The last of 12 protestors sentenced to prison time for demonstrations against the US military presence in Vieques has been released. José Pérez González returned to Puerto Rico yesterday after serving 4 years in a Mississippi prison. González was sentenced for damaging a guard shack on the military bombing grounds as hundreds celebrated the military’s departure. Supporters greeted him at the airport before the had to report to a halfway house where he will live for the duration of his sentence. For decades, the US Navy and Marine Corps used a huge section of the Puerto Rican island for bombing target practice. Many Vieques residents blame the bombs for the highest cancer rate in Puerto Rico. Civil disobedience calling for an end to the bombing began in 1999 when target practice bombs killed a local resident. The military ceased its bombing operations on the island on May 1st of 2003.

Crisis Grips Iraqi cabinet(3:47)

Iraqi Prime Minister Nouri Al Maliki’s government is in crisis. Steadily escalating violence is matched by the near-complete collapse of government services and functions. Al-Maliki’s cabinet initially included members of diverse Iraqi communities but met obstacles with the withdrawal of the Sunni Accordance Front and several parties boycotting cabinet meetings. As FSRN’s Hiba Dawood reports, the pretense of national unity and cooperation is now gone.

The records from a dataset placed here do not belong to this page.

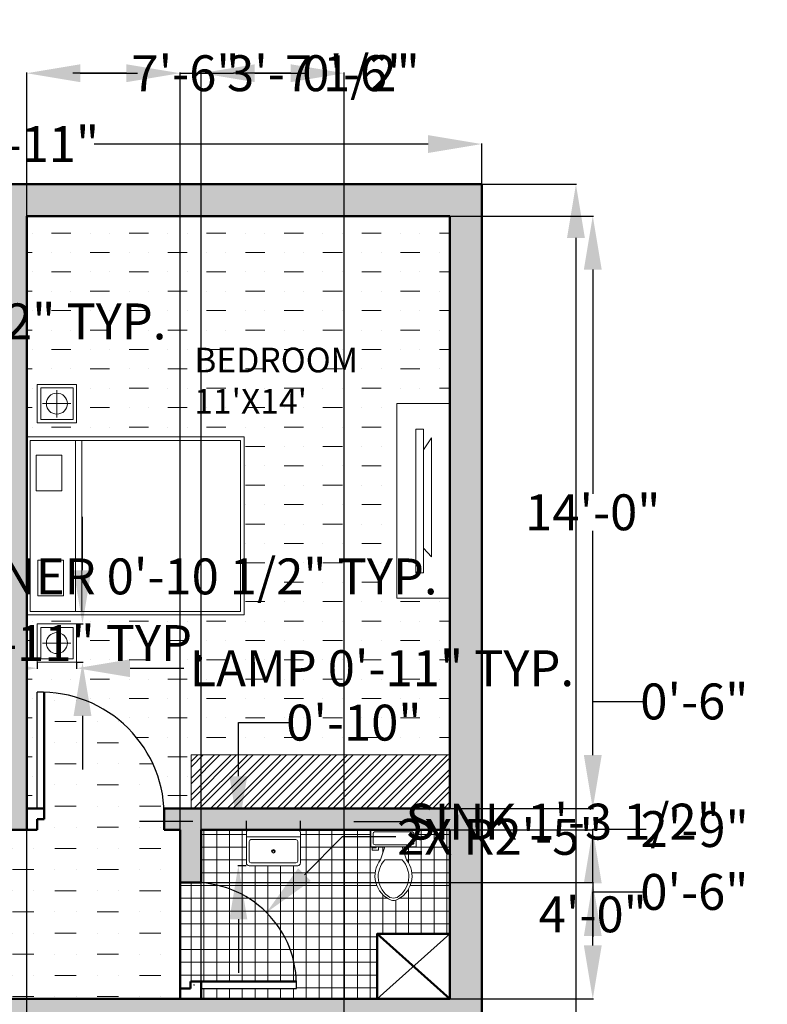
# Model space of a CAD drawing. Units: inches. Extents: x 26 to 14419, y 2 to 3479.
# Tile 5 of 9: x 13791 to 14003, y 3199 to 3479. Entities that reach past the tile are written whole.
import ezdxf

# ---------------------------------------------------------------- set-up
doc = ezdxf.new("R2010")
doc.units = ezdxf.units.IN
doc.header["$MEASUREMENT"] = 0
for name, color, linetype, lineweight in [('A-ANNO-DIMS', 2, 'Continuous', 18), ('A-AREA-IDEN', 7, 'Continuous', 18), ('A-DOOR', 4, 'Continuous', 25), ('A-FLOR-FIXT', 8, 'Continuous', 18), ('A-FLOR-PATT', 252, 'Continuous', 13), ('A-FURN', 8, 'Continuous', 18), ('A-WALL', 7, 'Continuous', 50)]:
    doc.layers.add(name, color=color, linetype=linetype, lineweight=lineweight)
doc.styles.get("Standard").update_dxf_attribs({"font": 'arial.ttf'})
doc.dimstyles.get("Standard").update_dxf_attribs({"dimtxt": 10.18, "dimasz": 15.18, "dimexe": 0.18, "dimexo": 0.0625, "dimgap": 0.09, "dimtad": 0, "dimtih": 1, "dimtoh": 1, "dimdec": 0, "dimzin": 0, "dimdsep": 46, "dimlunit": 3, "dimtxsty": 'Standard', "dimcen": 0.09, "dimadec": 0, "dimazin": 0, "dimtfac": 1, "dimtdec": 0, "dimtofl": 0, "dimtmove": 0, "dimatfit": 3, "dimfxl": 1, "dimtolj": 1, "dimtzin": 0, "dimarcsym": 0})
pattern_1 = [(0, (61.0932, 57.669), (0, 3.625), []), (90, (61.0932, 57.669), (-3.625, 2e-16), [])]

# ---------------------------------------------------------------- blocks, each defined once
blk = doc.blocks.new('*U2')
for p, q in [((9.5, -6), (9.5, -2)), ((-10, -8.5), (-8, -8.5)), ((-10, -9.5), (-10, -8.5)), ((-8, -8.5), (-8, -8)), ((-7, -8), (-7, -9.5)), ((-4, -8), (-6, -14)), ((4, -8), (6, -14)), ((-7, -9.5), (-10, -9.5)), ((4, -14), (-4, -14))]:
    blk.add_line(p, q)
blk.add_lwpolyline([(10.5, -8), (10.5, 0), (-10.5, 0), (-10.5, -8)], close=True)
for points in [[(-9.5, -2), (-9.5, -6)], [(8.5, -1), (-8.5, -1)], [(-8.5, -7), (8.5, -7)]]:
    blk.add_lwpolyline(points)
for centre, radius, start, end in [((-8.62, -1.88), 0.884, 81.8699, 188.1301), ((8.62, -1.88), 0.884, 351.8699, 98.1301), ((-8.62, -6.12), 0.884, 171.8699, 278.1301), ((8.62, -6.12), 0.884, 261.8699, 8.1301), ((3.52, -21.58), 12.17, 141.4691, 247.9714), ((4.2, -21.82), 11.33, 136.3677, 238.9468), ((-3.52, -21.58), 12.17, 292.0284, 38.5307), ((-4.2, -21.82), 11.33, 301.053, 43.6321), ((0, -27.88), 4, 245.7318, 294.2682), ((0, -29), 4, 254.8605, 285.1395)]:
    blk.add_arc(centre, radius, start, end)
blk = doc.blocks.new('Sink-single - 30 in top')
blk.add_line((-15, -3.999996), (15, -3.999996))
for points in [[(-13.5, 0), (13.5, 0)], [(-15, -18.499996), (-15, -1.5)], [(15, -1.5), (15, -18.499996)], [(-13.5, -17.499996), (-13.5, -6.499996)], [(-12.5, -5.499996), (12.5, -5.499996)], [(13.5, -6.499996), (13.5, -17.499996)], [(13.5, -19.999996), (-13.5, -19.999996)], [(12.5, -18.499996), (-12.5, -18.499996)]]:
    blk.add_lwpolyline(points)
for radius in [1, 0.5]:
    blk.add_circle((0, -11.999996), radius)
for centre, radius, start, end in [((-13.5, -1.5), 1.5, 90, 180), ((13.5, -1.5), 1.5, 0, 90), ((-12.5, -6.499996), 1, 90, 180), ((12.5, -6.499996), 1, 0, 90), ((-13.5, -18.499996), 1.5, 180, 270), ((-12.5, -17.499996), 1, 180, 270), ((12.5, -17.499996), 1, 270, 0), ((13.5, -18.499996), 1.5, 270, 0)]:
    blk.add_arc(centre, radius, start, end)
blk = doc.blocks.new('*D6')
at = {"layer": 'A-ANNO-DIMS', "color": 0, "lineweight": -2, "transparency": 16777216}
for p, q in [((13659.09, 3432.06), (13659.09, 3443.59)), ((13674.27, 3443.41), (13768.97, 3443.41)), ((13906.91, 3443.41), (13812.21, 3443.41)), ((13922.09, 3432.06), (13922.09, 3443.59))]:
    blk.add_line(p, q, dxfattribs=at)
at = {"layer": 'A-ANNO-DIMS', "color": 0, "transparency": 16777216}
for points in [[(13674.27, 3445.94), (13674.27, 3440.88), (13659.09, 3443.41)], [(13906.91, 3445.94), (13906.91, 3440.88), (13922.09, 3443.41)]]:
    blk.add_solid(points, dxfattribs=at)
at = {"layer": 'Defpoints', "color": 0, "transparency": 16777216}
for p in [(13922.09, 3443.41), (13659.09, 3432), (13922.09, 3432)]:
    blk.add_point(p, dxfattribs=at)
at = {"layer": 'A-ANNO-DIMS', "color": 0, "transparency": 16777216, "insert": (13790.59, 3443.41), "char_height": 10.18, "attachment_point": 5}
blk.add_mtext('\\A1;21\'-11"', dxfattribs=at)
blk = doc.blocks.new('*D7')
at = {"layer": 'A-ANNO-DIMS', "color": 0, "lineweight": -2, "transparency": 16777216}
for p, q in [((13922.15, 3432), (13949, 3432)), ((13948.82, 3416.82), (13948.82, 3142.28)), ((13948.82, 2857.18), (13948.82, 3131.71)), ((13922.15, 2842), (13949, 2842))]:
    blk.add_line(p, q, dxfattribs=at)
at = {"layer": 'A-ANNO-DIMS', "color": 0, "transparency": 16777216}
for points in [[(13946.29, 3416.82), (13951.35, 3416.82), (13948.82, 3432)], [(13946.29, 2857.18), (13951.35, 2857.18), (13948.82, 2842)]]:
    blk.add_solid(points, dxfattribs=at)
at = {"layer": 'Defpoints', "color": 0, "transparency": 16777216}
for p in [(13922.09, 3432), (13922.09, 2842), (13948.82, 2842)]:
    blk.add_point(p, dxfattribs=at)
at = {"layer": 'A-ANNO-DIMS', "color": 0, "transparency": 16777216, "insert": (13948.82, 3137), "char_height": 10.18, "attachment_point": 5}
blk.add_mtext('\\A1;49\'-2"', dxfattribs=at)
blk = doc.blocks.new('DOOR-900')
blk.add_line((0, 3), (0, 36))
blk.add_arc((1, 1), 35.01, 358.3634, 91.6366)
blk = doc.blocks.new('DOOR-750')
blk.add_line((3, 0), (30, 0))
blk.add_arc((1, 1), 29.02, 358.0251, 91.9749)
blk = doc.blocks.new('LAMP')
for p, q in [((5.59, 9.24), (5.59, 1.57)), ((1.47, 5.46), (9.59, 5.46))]:
    blk.add_line(p, q)
for points in [[(0, 10.91), (11.18, 10.91), (11.18, 0), (0, 0)], [(1, 9.91), (10.18, 9.91), (10.18, 1), (1, 1)]]:
    blk.add_lwpolyline(points, close=True)
blk.add_circle((5.59, 5.46), 2.98)
blk = doc.blocks.new('*D24')
at = {"layer": 'A-ANNO-DIMS', "color": 0, "lineweight": -2, "transparency": 16777216}
for p, q in [((13730.53, 3172.73), (13730.53, 3187.91)), ((13730.53, 3187.91), (13745.71, 3187.91)), ((13728.71, 3157.55), (13730.71, 3157.55)), ((13728.71, 3147.87), (13730.71, 3147.87)), ((13730.53, 3132.69), (13730.53, 3117.51))]:
    blk.add_line(p, q, dxfattribs=at)
at = {"layer": 'A-ANNO-DIMS', "color": 0, "transparency": 16777216}
for points in [[(13728, 3172.73), (13733.06, 3172.73), (13730.53, 3157.55)], [(13728, 3132.69), (13733.06, 3132.69), (13730.53, 3147.87)]]:
    blk.add_solid(points, dxfattribs=at)
at = {"layer": 'Defpoints', "color": 0, "transparency": 16777216}
for p in [(13728.65, 3157.55), (13730.53, 3157.55), (13728.65, 3147.87)]:
    blk.add_point(p, dxfattribs=at)
at = {"layer": 'A-ANNO-DIMS', "color": 0, "transparency": 16777216, "insert": (13788.69, 3187.91), "char_height": 10.18, "attachment_point": 5}
blk.add_mtext('\\A1;0\'-9 1/2" TYP.', dxfattribs=at)
blk = doc.blocks.new('*D27')
at = {"layer": 'A-ANNO-DIMS', "color": 0, "lineweight": -2, "transparency": 16777216}
for p, q in [((13755.48, 3423.45), (13755.48, 3438.63)), ((13751.01, 3408.27), (13755.66, 3408.27)), ((13751.01, 3378), (13755.66, 3378)), ((13755.48, 3362.82), (13755.48, 3347.64))]:
    blk.add_line(p, q, dxfattribs=at)
at = {"layer": 'A-ANNO-DIMS', "color": 0, "transparency": 16777216}
for points in [[(13752.95, 3423.45), (13758.01, 3423.45), (13755.48, 3408.27)], [(13752.95, 3362.82), (13758.01, 3362.82), (13755.48, 3378)]]:
    blk.add_solid(points, dxfattribs=at)
at = {"layer": 'Defpoints', "color": 0, "transparency": 16777216}
for p in [(13750.94, 3408.27), (13755.48, 3408.27), (13750.94, 3378)]:
    blk.add_point(p, dxfattribs=at)
at = {"layer": 'A-ANNO-DIMS', "color": 0, "transparency": 16777216, "insert": (13755.48, 3393.13), "char_height": 10.18, "attachment_point": 5}
blk.add_mtext('\\A1;DOOR 750 2\'-6 1/2" TYP.', dxfattribs=at)
blk = doc.blocks.new('*D35')
at = {"layer": 'A-ANNO-DIMS', "color": 0, "lineweight": -2, "transparency": 16777216}
for p, q in [((13780.88, 3294.79), (13765.7, 3294.79)), ((13796.06, 3296.4), (13796.06, 3294.61)), ((13807.24, 3296.4), (13807.24, 3294.61)), ((13822.42, 3294.79), (13837.6, 3294.79))]:
    blk.add_line(p, q, dxfattribs=at)
at = {"layer": 'A-ANNO-DIMS', "color": 0, "transparency": 16777216}
for points in [[(13780.88, 3297.32), (13780.88, 3292.26), (13796.06, 3294.79)], [(13822.42, 3297.32), (13822.42, 3292.26), (13807.24, 3294.79)]]:
    blk.add_solid(points, dxfattribs=at)
at = {"layer": 'Defpoints', "color": 0, "transparency": 16777216}
for p in [(13796.06, 3296.46), (13807.24, 3296.46), (13807.24, 3294.79)]:
    blk.add_point(p, dxfattribs=at)
at = {"layer": 'A-ANNO-DIMS', "color": 0, "transparency": 16777216, "insert": (13893.78, 3294.79), "char_height": 10.18, "attachment_point": 5}
blk.add_mtext('\\A1;LAMP 0\'-11" TYP.', dxfattribs=at)
blk = doc.blocks.new('*D36')
at = {"layer": 'A-ANNO-DIMS', "color": 0, "lineweight": -2, "transparency": 16777216}
for p, q in [((13808.91, 3322.56), (13808.91, 3337.74)), ((13807.3, 3307.38), (13809.09, 3307.38)), ((13807.3, 3296.46), (13809.09, 3296.46)), ((13808.91, 3281.28), (13808.91, 3266.1))]:
    blk.add_line(p, q, dxfattribs=at)
at = {"layer": 'A-ANNO-DIMS', "color": 0, "transparency": 16777216}
for points in [[(13806.38, 3322.56), (13811.44, 3322.56), (13808.91, 3307.38)], [(13806.38, 3281.28), (13811.44, 3281.28), (13808.91, 3296.46)]]:
    blk.add_solid(points, dxfattribs=at)
at = {"layer": 'Defpoints', "color": 0, "transparency": 16777216}
for p in [(13807.24, 3307.38), (13808.91, 3307.38), (13807.24, 3296.46)]:
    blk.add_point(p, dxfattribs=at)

Gaza Faces Humanitarian Crisis(2:44)

A strict international boycott against Hamas’ rule over Gaza – doubled with a complete Israeli travel and commercial crossing ban imposed since June, are leading to a humanitarian crisis in Gaza. FSRN’s Rami Almeghari has more.

What Labor Wants from a Presidential Platform(4:18)

The Democratic Party candidates for President have begun to earnestly court the labor vote. The major candidates have taken part in a series of labor-sponsored town hall meetings in recent weeks, with a large candidate’s forum in Chicago last week. Labor expects to play a decisive role in the upcoming elections and is counting on getting its issues on the agenda. Max Pringle reports.

ANSWER Coalition Faces More than $10,000 of Fines for Anti-War March Posters(4:32)

The DC-Metro City government is threatening the ANSWER Coalition with more than $10,000 worth of fines unless the organization brings down posters promoting a massive anti-war march on Capitol Hill on September 15. The City government has given ANSWER just 72 hours to bring the posters down. ANSWER has responded by reminding the City that the posters conform to the city’s regulations, and are protected through the First Amendment – and adds that the approach is simply a way to silence to nation’s growing anti war movement, and the September 15 mobilizations. Host Aura Bogado spoke with Ian Thompson, an organizer with ANSWER Coalition in LA, who explained DC-Metro’s threat.